The party starts to enter the room—

Then, there is a big bump to the right, and suddenly, all the flame lights go out.  Good job Doongal for the glowing hammer!  Off to the right, a door opens and a huge pile of skulls and bones pours down the stairs and into the room, all over the floor, over a foot deep.

Cyzicus, who is up in front and checking the source of the bones, is attacked from above by a rake of super long swords. He whips around and yells out that there is a beastie up on a platform over the doorway we are coming from.

I hop into the room, and whip a spear at the nasty, bony undead up there, miss. Xoma slips in, takes one look and throws up a defense spell.  Doongul scurries in, casts a spell that conjures a magic floating hammer from his god that swipes at the creature, but misses. Cyzicus fires some arrows, which the creature bats aside. Rendar flings a hand ax that sticks in the thing's side, obvious damage but no blood.

The nasty lashes out with his claws, which extend from his hands and grow three or four yards as he swings!  I’m caught by surprise and he pulls my mace away from me up to his ledge—he’ll pay for that. The piles of bones start to rustle and a bunch of skeletons stand up out of the mix and start to attack. 

I chuck another spear up at it, but I can’t nail the thing. Xoma blasts the claw-beast with a huge boom of thunder which pushes it back against the wall of the alcove and the beastie seems hurt.  Xoma and I get back in the tunnel for some cover. Doongal clouts the nasty with his floating, glowing hammer and then holds up his holy symbol and shouts a command at the skeletons.
Cyzicus demolishes a skeleton with one massive slash from his scimitar. Rendar also blows one to pieces with his purplish scimitar, but his second swing hits only air.
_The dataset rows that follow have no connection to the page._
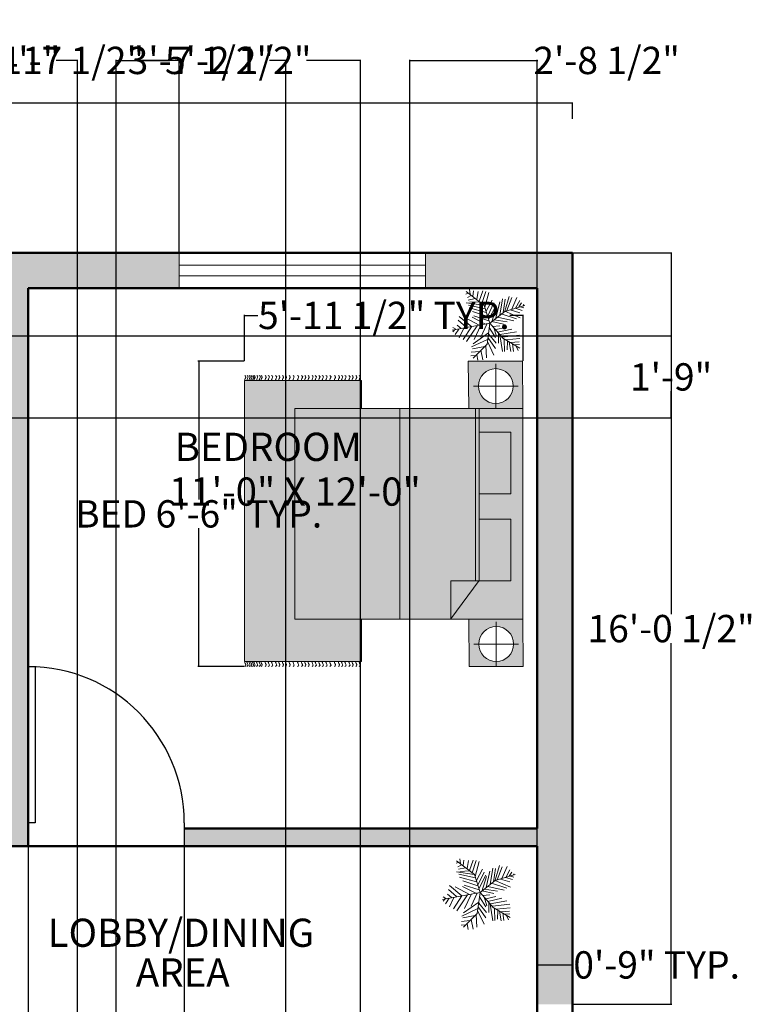
# Model space of a CAD drawing. Units: inches. Extents: x 2974 to 3443, y 2405 to 2963.
# Tile 13 of 13: x 3243 to 3430, y 2711 to 2963. Entities that reach past the tile are written whole.
import ezdxf

# ---------------------------------------------------------------- set-up
doc = ezdxf.new("R2010")
doc.units = ezdxf.units.IN
doc.header["$MEASUREMENT"] = 0
doc.layers.get('0').update_dxf_attribs({"color": 251})
for name, color, linetype, lineweight in [('A-ANNO-DIMS', 2, 'Continuous', 18), ('A-AREA-IDEN', 250, 'Continuous', 25), ('A-DOOR', 32, 'Continuous', 25), ('A-WALL-PATT', 252, 'Continuous', 13), ('furniture', 32, 'Continuous', 18), ('greenary', 106, 'Continuous', 13), ('walls', 250, 'Continuous', 50), ('windows', 159, 'Continuous', 20)]:
    doc.layers.add(name, color=color, linetype=linetype, lineweight=lineweight)
doc.layers.add('A-FURN-PATT', color=254, linetype='Continuous', lineweight=13, true_color=0xfeeab9)
doc.styles.get("Standard").update_dxf_attribs({"font": 'arial.ttf'})
doc.dimstyles.get("Standard").update_dxf_attribs({"dimtxt": 7, "dimasz": 0.18, "dimexe": 0.18, "dimexo": 0.0625, "dimgap": 0.09, "dimtad": 0, "dimtih": 1, "dimtoh": 1, "dimzin": 0, "dimdsep": 46, "dimlunit": 3, "dimtxsty": 'Standard', "dimcen": 0.09, "dimadec": 0, "dimazin": 0, "dimtfac": 1, "dimtofl": 0, "dimtmove": 0, "dimatfit": 3, "dimfxl": 1, "dimtolj": 1, "dimtzin": 0, "dimarcsym": 0})

# ---------------------------------------------------------------- blocks, each defined once
blk = doc.blocks.new('*U2')
for p, q in [((0, 0), (0, -6)), ((40, 0), (40, -6))]:
    blk.add_line(p, q)
blk.add_lwpolyline([(0, 0), (0, 40), (1.75, 40), (1.75, 0)], close=True)
blk.add_arc((0, 0), 40, 0, 90)
blk = doc.blocks.new('CARPET')
at = {"layer": 'furniture'}
for p, q in [((-51.53, -98.11), (-51.53, -55.12)), ((-51.53, -55.12), (-41.27, -55.12)), ((36, -55.12), (51.55, -55.12)), ((51.55, -55.12), (51.55, -98.11)), ((51.55, -98.11), (-51.53, -98.11))]:
    blk.add_line(p, q, dxfattribs=at)
for points, knots in [([(-53.37, -55.99), (-53.22, -55.8), (-52.9, -55.41), (-52.34, -55.8), (-51.89, -56.08), (-51.65, -55.91), (-51.53, -55.83)], [0, 0, 0, 0, 0.653278, 1.290138, 1.740457, 2.114451, 2.114451, 2.114451, 2.114451]), ([(-53.37, -57.26), (-53.22, -57.07), (-52.9, -56.67), (-52.34, -57.07), (-51.89, -57.35), (-51.65, -57.17), (-51.53, -57.1)], [0, 0, 0, 0, 0.653278, 1.290138, 1.740457, 2.114451, 2.114451, 2.114451, 2.114451]), ([(53.37, -55.99), (53.22, -55.8), (52.9, -55.41), (52.34, -55.8), (51.89, -56.08), (51.65, -55.91), (51.53, -55.83)], [0, 0, 0, 0, 0.653278, 1.290138, 1.740457, 2.114451, 2.114451, 2.114451, 2.114451]), ([(53.37, -57.26), (53.22, -57.07), (52.9, -56.67), (52.34, -57.07), (51.89, -57.35), (51.65, -57.17), (51.53, -57.1)], [0, 0, 0, 0, 0.653278, 1.290138, 1.740457, 2.114451, 2.114451, 2.114451, 2.114451]), ([(-53.37, -58.59), (-53.22, -58.4), (-52.9, -58.01), (-52.34, -58.4), (-51.89, -58.68), (-51.65, -58.5), (-51.53, -58.43)], [0, 0, 0, 0, 0.653278, 1.290138, 1.740457, 2.114451, 2.114451, 2.114451, 2.114451]), ([(-53.37, -59.78), (-53.22, -59.58), (-52.9, -59.19), (-52.34, -59.58), (-51.89, -59.86), (-51.65, -59.69), (-51.53, -59.61)], [0, 0, 0, 0, 0.653278, 1.290138, 1.740457, 2.114451, 2.114451, 2.114451, 2.114451]), ([(-53.37, -61.22), (-53.22, -61.02), (-52.9, -60.63), (-52.34, -61.02), (-51.89, -61.3), (-51.65, -61.13), (-51.53, -61.05)], [0, 0, 0, 0, 0.653278, 1.290138, 1.740457, 2.114451, 2.114451, 2.114451, 2.114451]), ([(53.37, -58.59), (53.22, -58.4), (52.9, -58.01), (52.34, -58.4), (51.89, -58.68), (51.65, -58.5), (51.53, -58.43)], [0, 0, 0, 0, 0.653278, 1.290138, 1.740457, 2.114451, 2.114451, 2.114451, 2.114451]), ([(53.37, -59.78), (53.22, -59.58), (52.9, -59.19), (52.34, -59.58), (51.89, -59.86), (51.65, -59.69), (51.53, -59.61)], [0, 0, 0, 0, 0.653278, 1.290138, 1.740457, 2.114451, 2.114451, 2.114451, 2.114451]), ([(53.37, -61.22), (53.22, -61.02), (52.9, -60.63), (52.34, -61.02), (51.89, -61.3), (51.65, -61.13), (51.53, -61.05)], [0, 0, 0, 0, 0.653278, 1.290138, 1.740457, 2.114451, 2.114451, 2.114451, 2.114451]), ([(-53.37, -62.44), (-53.22, -62.25), (-52.9, -61.86), (-52.34, -62.25), (-51.89, -62.53), (-51.65, -62.36), (-51.53, -62.28)], [0, 0, 0, 0, 0.653278, 1.290138, 1.740457, 2.114451, 2.114451, 2.114451, 2.114451]), ([(-53.37, -63.63), (-53.22, -63.43), (-52.9, -63.04), (-52.34, -63.43), (-51.89, -63.72), (-51.65, -63.54), (-51.53, -63.46)], [0, 0, 0, 0, 0.653278, 1.290138, 1.740457, 2.114451, 2.114451, 2.114451, 2.114451]), ([(-53.37, -65.07), (-53.22, -64.87), (-52.9, -64.48), (-52.34, -64.87), (-51.89, -65.15), (-51.65, -64.98), (-51.53, -64.9)], [0, 0, 0, 0, 0.653278, 1.290138, 1.740457, 2.114451, 2.114451, 2.114451, 2.114451]), ([(53.37, -62.44), (53.22, -62.25), (52.9, -61.86), (52.34, -62.25), (51.89, -62.53), (51.65, -62.36), (51.53, -62.28)], [0, 0, 0, 0, 0.653278, 1.290138, 1.740457, 2.114451, 2.114451, 2.114451, 2.114451]), ([(53.37, -63.63), (53.22, -63.43), (52.9, -63.04), (52.34, -63.43), (51.89, -63.72), (51.65, -63.54), (51.53, -63.46)], [0, 0, 0, 0, 0.653278, 1.290138, 1.740457, 2.114451, 2.114451, 2.114451, 2.114451]), ([(53.37, -65.07), (53.22, -64.87), (52.9, -64.48), (52.34, -64.87), (51.89, -65.15), (51.65, -64.98), (51.53, -64.9)], [0, 0, 0, 0, 0.653278, 1.290138, 1.740457, 2.114451, 2.114451, 2.114451, 2.114451]), ([(-53.37, -66.76), (-53.22, -66.56), (-52.9, -66.17), (-52.34, -66.56), (-51.89, -66.84), (-51.65, -66.67), (-51.53, -66.59)], [0, 0, 0, 0, 0.653278, 1.290138, 1.740457, 2.114451, 2.114451, 2.114451, 2.114451]), ([(-53.37, -68.2), (-53.22, -68), (-52.9, -67.61), (-52.34, -68), (-51.89, -68.28), (-51.65, -68.11), (-51.53, -68.03)], [0, 0, 0, 0, 0.653278, 1.290138, 1.740457, 2.114451, 2.114451, 2.114451, 2.114451]), ([(53.37, -66.76), (53.22, -66.56), (52.9, -66.17), (52.34, -66.56), (51.89, -66.84), (51.65, -66.67), (51.53, -66.59)], [0, 0, 0, 0, 0.653278, 1.290138, 1.740457, 2.114451, 2.114451, 2.114451, 2.114451]), ([(53.37, -68.2), (53.22, -68), (52.9, -67.61), (52.34, -68), (51.89, -68.28), (51.65, -68.11), (51.53, -68.03)], [0, 0, 0, 0, 0.653278, 1.290138, 1.740457, 2.114451, 2.114451, 2.114451, 2.114451]), ([(-53.37, -69.53), (-53.22, -69.33), (-52.9, -68.94), (-52.34, -69.33), (-51.89, -69.61), (-51.65, -69.44), (-51.53, -69.36)], [0, 0, 0, 0, 0.653278, 1.290138, 1.740457, 2.114451, 2.114451, 2.114451, 2.114451]), ([(-53.37, -70.79), (-53.22, -70.6), (-52.9, -70.21), (-52.34, -70.6), (-51.89, -70.88), (-51.65, -70.7), (-51.53, -70.63)], [0, 0, 0, 0, 0.653278, 1.290138, 1.740457, 2.114451, 2.114451, 2.114451, 2.114451]), ([(-53.37, -72.12), (-53.22, -71.93), (-52.9, -71.54), (-52.34, -71.93), (-51.89, -72.21), (-51.65, -72.04), (-51.53, -71.96)], [0, 0, 0, 0, 0.653278, 1.290138, 1.740457, 2.114451, 2.114451, 2.114451, 2.114451]), ([(53.37, -69.53), (53.22, -69.33), (52.9, -68.94), (52.34, -69.33), (51.89, -69.61), (51.65, -69.44), (51.53, -69.36)], [0, 0, 0, 0, 0.653278, 1.290138, 1.740457, 2.114451, 2.114451, 2.114451, 2.114451]), ([(53.37, -70.79), (53.22, -70.6), (52.9, -70.21), (52.34, -70.6), (51.89, -70.88), (51.65, -70.7), (51.53, -70.63)], [0, 0, 0, 0, 0.653278, 1.290138, 1.740457, 2.114451, 2.114451, 2.114451, 2.114451]), ([(53.37, -72.12), (53.22, -71.93), (52.9, -71.54), (52.34, -71.93), (51.89, -72.21), (51.65, -72.04), (51.53, -71.96)], [0, 0, 0, 0, 0.653278, 1.290138, 1.740457, 2.114451, 2.114451, 2.114451, 2.114451]), ([(-53.37, -73.31), (-53.22, -73.11), (-52.9, -72.72), (-52.34, -73.11), (-51.89, -73.4), (-51.65, -73.22), (-51.53, -73.14)], [0, 0, 0, 0, 0.653278, 1.290138, 1.740457, 2.114451, 2.114451, 2.114451, 2.114451]), ([(-53.37, -74.75), (-53.22, -74.55), (-52.9, -74.16), (-52.34, -74.55), (-51.89, -74.83), (-51.65, -74.66), (-51.53, -74.58)], [0, 0, 0, 0, 0.653278, 1.290138, 1.740457, 2.114451, 2.114451, 2.114451, 2.114451]), ([(-53.37, -75.98), (-53.22, -75.78), (-52.9, -75.39), (-52.34, -75.78), (-51.89, -76.06), (-51.65, -75.89), (-51.53, -75.81)], [0, 0, 0, 0, 0.653278, 1.290138, 1.740457, 2.114451, 2.114451, 2.114451, 2.114451]), ([(53.37, -73.31), (53.22, -73.11), (52.9, -72.72), (52.34, -73.11), (51.89, -73.4), (51.65, -73.22), (51.53, -73.14)], [0, 0, 0, 0, 0.653278, 1.290138, 1.740457, 2.114451, 2.114451, 2.114451, 2.114451]), ([(53.37, -74.75), (53.22, -74.55), (52.9, -74.16), (52.34, -74.55), (51.89, -74.83), (51.65, -74.66), (51.53, -74.58)], [0, 0, 0, 0, 0.653278, 1.290138, 1.740457, 2.114451, 2.114451, 2.114451, 2.114451]), ([(53.37, -75.98), (53.22, -75.78), (52.9, -75.39), (52.34, -75.78), (51.89, -76.06), (51.65, -75.89), (51.53, -75.81)], [0, 0, 0, 0, 0.653278, 1.290138, 1.740457, 2.114451, 2.114451, 2.114451, 2.114451]), ([(-53.37, -77.16), (-53.22, -76.96), (-52.9, -76.57), (-52.34, -76.96), (-51.89, -77.25), (-51.65, -77.07), (-51.53, -76.99)], [0, 0, 0, 0, 0.653278, 1.290138, 1.740457, 2.114451, 2.114451, 2.114451, 2.114451]), ([(-53.37, -78.6), (-53.22, -78.4), (-52.9, -78.01), (-52.34, -78.4), (-51.89, -78.68), (-51.65, -78.51), (-51.53, -78.43)], [0, 0, 0, 0, 0.653278, 1.290138, 1.740457, 2.114451, 2.114451, 2.114451, 2.114451]), ([(53.37, -77.16), (53.22, -76.96), (52.9, -76.57), (52.34, -76.96), (51.89, -77.25), (51.65, -77.07), (51.53, -76.99)], [0, 0, 0, 0, 0.653278, 1.290138, 1.740457, 2.114451, 2.114451, 2.114451, 2.114451]), ([(53.37, -78.6), (53.22, -78.4), (52.9, -78.01), (52.34, -78.4), (51.89, -78.68), (51.65, -78.51), (51.53, -78.43)], [0, 0, 0, 0, 0.653278, 1.290138, 1.740457, 2.114451, 2.114451, 2.114451, 2.114451]), ([(-53.37, -80.29), (-53.22, -80.09), (-52.9, -79.7), (-52.34, -80.09), (-51.89, -80.37), (-51.65, -80.2), (-51.53, -80.12)], [0, 0, 0, 0, 0.653278, 1.290138, 1.740457, 2.114451, 2.114451, 2.114451, 2.114451]), ([(-53.37, -81.73), (-53.22, -81.53), (-52.9, -81.14), (-52.34, -81.53), (-51.89, -81.81), (-51.65, -81.64), (-51.53, -81.56)], [0, 0, 0, 0, 0.653278, 1.290138, 1.740457, 2.114451, 2.114451, 2.114451, 2.114451]), ([(-53.37, -83.06), (-53.22, -82.86), (-52.9, -82.47), (-52.34, -82.86), (-51.89, -83.14), (-51.65, -82.97), (-51.53, -82.89)], [0, 0, 0, 0, 0.653278, 1.290138, 1.740457, 2.114451, 2.114451, 2.114451, 2.114451]), ([(53.37, -80.29), (53.22, -80.09), (52.9, -79.7), (52.34, -80.09), (51.89, -80.37), (51.65, -80.2), (51.53, -80.12)], [0, 0, 0, 0, 0.653278, 1.290138, 1.740457, 2.114451, 2.114451, 2.114451, 2.114451]), ([(53.37, -81.73), (53.22, -81.53), (52.9, -81.14), (52.34, -81.53), (51.89, -81.81), (51.65, -81.64), (51.53, -81.56)], [0, 0, 0, 0, 0.653278, 1.290138, 1.740457, 2.114451, 2.114451, 2.114451, 2.114451]), ([(53.37, -83.06), (53.22, -82.86), (52.9, -82.47), (52.34, -82.86), (51.89, -83.14), (51.65, -82.97), (51.53, -82.89)], [0, 0, 0, 0, 0.653278, 1.290138, 1.740457, 2.114451, 2.114451, 2.114451, 2.114451]), ([(-53.37, -84.18), (-53.22, -83.99), (-52.9, -83.6), (-52.34, -83.99), (-51.89, -84.27), (-51.65, -84.09), (-51.53, -84.02)], [0, 0, 0, 0, 0.653278, 1.290138, 1.740457, 2.114451, 2.114451, 2.114451, 2.114451]), ([(-53.37, -85.51), (-53.22, -85.32), (-52.9, -84.93), (-52.34, -85.32), (-51.89, -85.6), (-51.65, -85.42), (-51.53, -85.35)], [0, 0, 0, 0, 0.653278, 1.290138, 1.740457, 2.114451, 2.114451, 2.114451, 2.114451]), ([(-53.37, -86.7), (-53.22, -86.5), (-52.9, -86.11), (-52.34, -86.5), (-51.89, -86.78), (-51.65, -86.61), (-51.53, -86.53)], [0, 0, 0, 0, 0.653278, 1.290138, 1.740457, 2.114451, 2.114451, 2.114451, 2.114451]), ([(53.37, -84.18), (53.22, -83.99), (52.9, -83.6), (52.34, -83.99), (51.89, -84.27), (51.65, -84.09), (51.53, -84.02)], [0, 0, 0, 0, 0.653278, 1.290138, 1.740457, 2.114451, 2.114451, 2.114451, 2.114451]), ([(53.37, -85.51), (53.22, -85.32), (52.9, -84.93), (52.34, -85.32), (51.89, -85.6), (51.65, -85.42), (51.53, -85.35)], [0, 0, 0, 0, 0.653278, 1.290138, 1.740457, 2.114451, 2.114451, 2.114451, 2.114451]), ([(53.37, -86.7), (53.22, -86.5), (52.9, -86.11), (52.34, -86.5), (51.89, -86.78), (51.65, -86.61), (51.53, -86.53)], [0, 0, 0, 0, 0.653278, 1.290138, 1.740457, 2.114451, 2.114451, 2.114451, 2.114451]), ([(-53.37, -88.14), (-53.22, -87.94), (-52.9, -87.55), (-52.34, -87.94), (-51.89, -88.22), (-51.65, -88.05), (-51.53, -87.97)], [0, 0, 0, 0, 0.653278, 1.290138, 1.740457, 2.114451, 2.114451, 2.114451, 2.114451]), ([(-53.37, -89.36), (-53.22, -89.17), (-52.9, -88.78), (-52.34, -89.17), (-51.89, -89.45), (-51.65, -89.28), (-51.53, -89.2)], [0, 0, 0, 0, 0.653278, 1.290138, 1.740457, 2.114451, 2.114451, 2.114451, 2.114451]), ([(-53.37, -90.55), (-53.22, -90.35), (-52.9, -89.96), (-52.34, -90.35), (-51.89, -90.64), (-51.65, -90.46), (-51.53, -90.38)], [0, 0, 0, 0, 0.653278, 1.290138, 1.740457, 2.114451, 2.114451, 2.114451, 2.114451]), ([(53.37, -88.14), (53.22, -87.94), (52.9, -87.55), (52.34, -87.94), (51.89, -88.22), (51.65, -88.05), (51.53, -87.97)], [0, 0, 0, 0, 0.653278, 1.290138, 1.740457, 2.114451, 2.114451, 2.114451, 2.114451]), ([(53.37, -89.36), (53.22, -89.17), (52.9, -88.78), (52.34, -89.17), (51.89, -89.45), (51.65, -89.28), (51.53, -89.2)], [0, 0, 0, 0, 0.653278, 1.290138, 1.740457, 2.114451, 2.114451, 2.114451, 2.114451]), ([(53.37, -90.55), (53.22, -90.35), (52.9, -89.96), (52.34, -90.35), (51.9, -90.63), (51.66, -90.47), (51.55, -90.4)], [0, 0, 0, 0, 0.653278, 1.290138, 1.740457, 2.0926, 2.0926, 2.0926, 2.0926]), ([(-53.37, -91.99), (-53.22, -91.79), (-52.9, -91.4), (-52.34, -91.79), (-51.89, -92.07), (-51.65, -91.9), (-51.53, -91.82)], [0, 0, 0, 0, 0.653278, 1.290138, 1.740457, 2.114451, 2.114451, 2.114451, 2.114451]), ([(-53.37, -92.69), (-53.22, -92.48), (-52.9, -92.08), (-52.35, -92.49), (-51.89, -92.77), (-51.65, -92.6), (-51.53, -92.52)], [0, 0, 0, 0, 0.663904, 1.307406, 1.757725, 2.131719, 2.131719, 2.131719, 2.131719]), ([(-53.37, -93.61), (-53.22, -93.42), (-52.9, -93.03), (-52.34, -93.42), (-51.89, -93.7), (-51.65, -93.52), (-51.53, -93.45)], [0, 0, 0, 0, 0.653278, 1.290138, 1.740457, 2.114451, 2.114451, 2.114451, 2.114451]), ([(53.37, -91.99), (53.22, -91.79), (52.9, -91.4), (52.34, -91.79), (51.9, -92.07), (51.66, -91.91), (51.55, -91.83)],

The undead on the ledge swings twice at Rendar who bobs out of the way—nice moves! Cypher boldly steps up and grabs a skeleton with his bare hand, letting loose some kind of lightening charge (that’s new!), it dies.

One of the skeletons runs directly away from Doongal, I guess his “blessing” worked. As it flees, Rendar takes a swipe and kills it outright!  In the confusion, Halbazar charges into Rendar with his hands still in manacles. Rendar isn’t expecting that and gets knocked over, down in the bones rolling around fighting with Hal, ugh.

I run out from the tunnel and chuck an oil flask at the nasty, splashing all over the place up there. Xoma then strides from the tunnel and casts a spell that covers the whole ledge (and upper part of the room) in darkness. Then Doongal (good man!) chucks a lit torch up on the ledge and we all hear that happy “woomph” noise of oil lighting up—no light though, the darkness spell prevails. That should flush that critter out of there so we can fight him on the ground.

Cyzicus swats at Hal and misses, Rendar hops up, swings at Hal, misses and then gets pushed back down by Halbazar. Tricky fighting for a guy with his hands in manacles! 

The nasty creature jumps down out of the darkness (it's really big, and has to duck down under the darkness spell to see) and slashes at Doongal who just hides behind his heavy shield as the claws clatter. 
The creature then slices Cypher with its long claws and the warforged is badly hurt—out of fighting commission, I think. I hurl one more oil flask at the critter and it hits dead on, soaking him (it?) but I can’t light it up. I then take a running leap, find some easy footholds and climb up the wall into the darkness on the ledge. Luckily my hand lands right on my mace, the darkness and leftover slippery, burning oil in the dark make me want out of the place right away.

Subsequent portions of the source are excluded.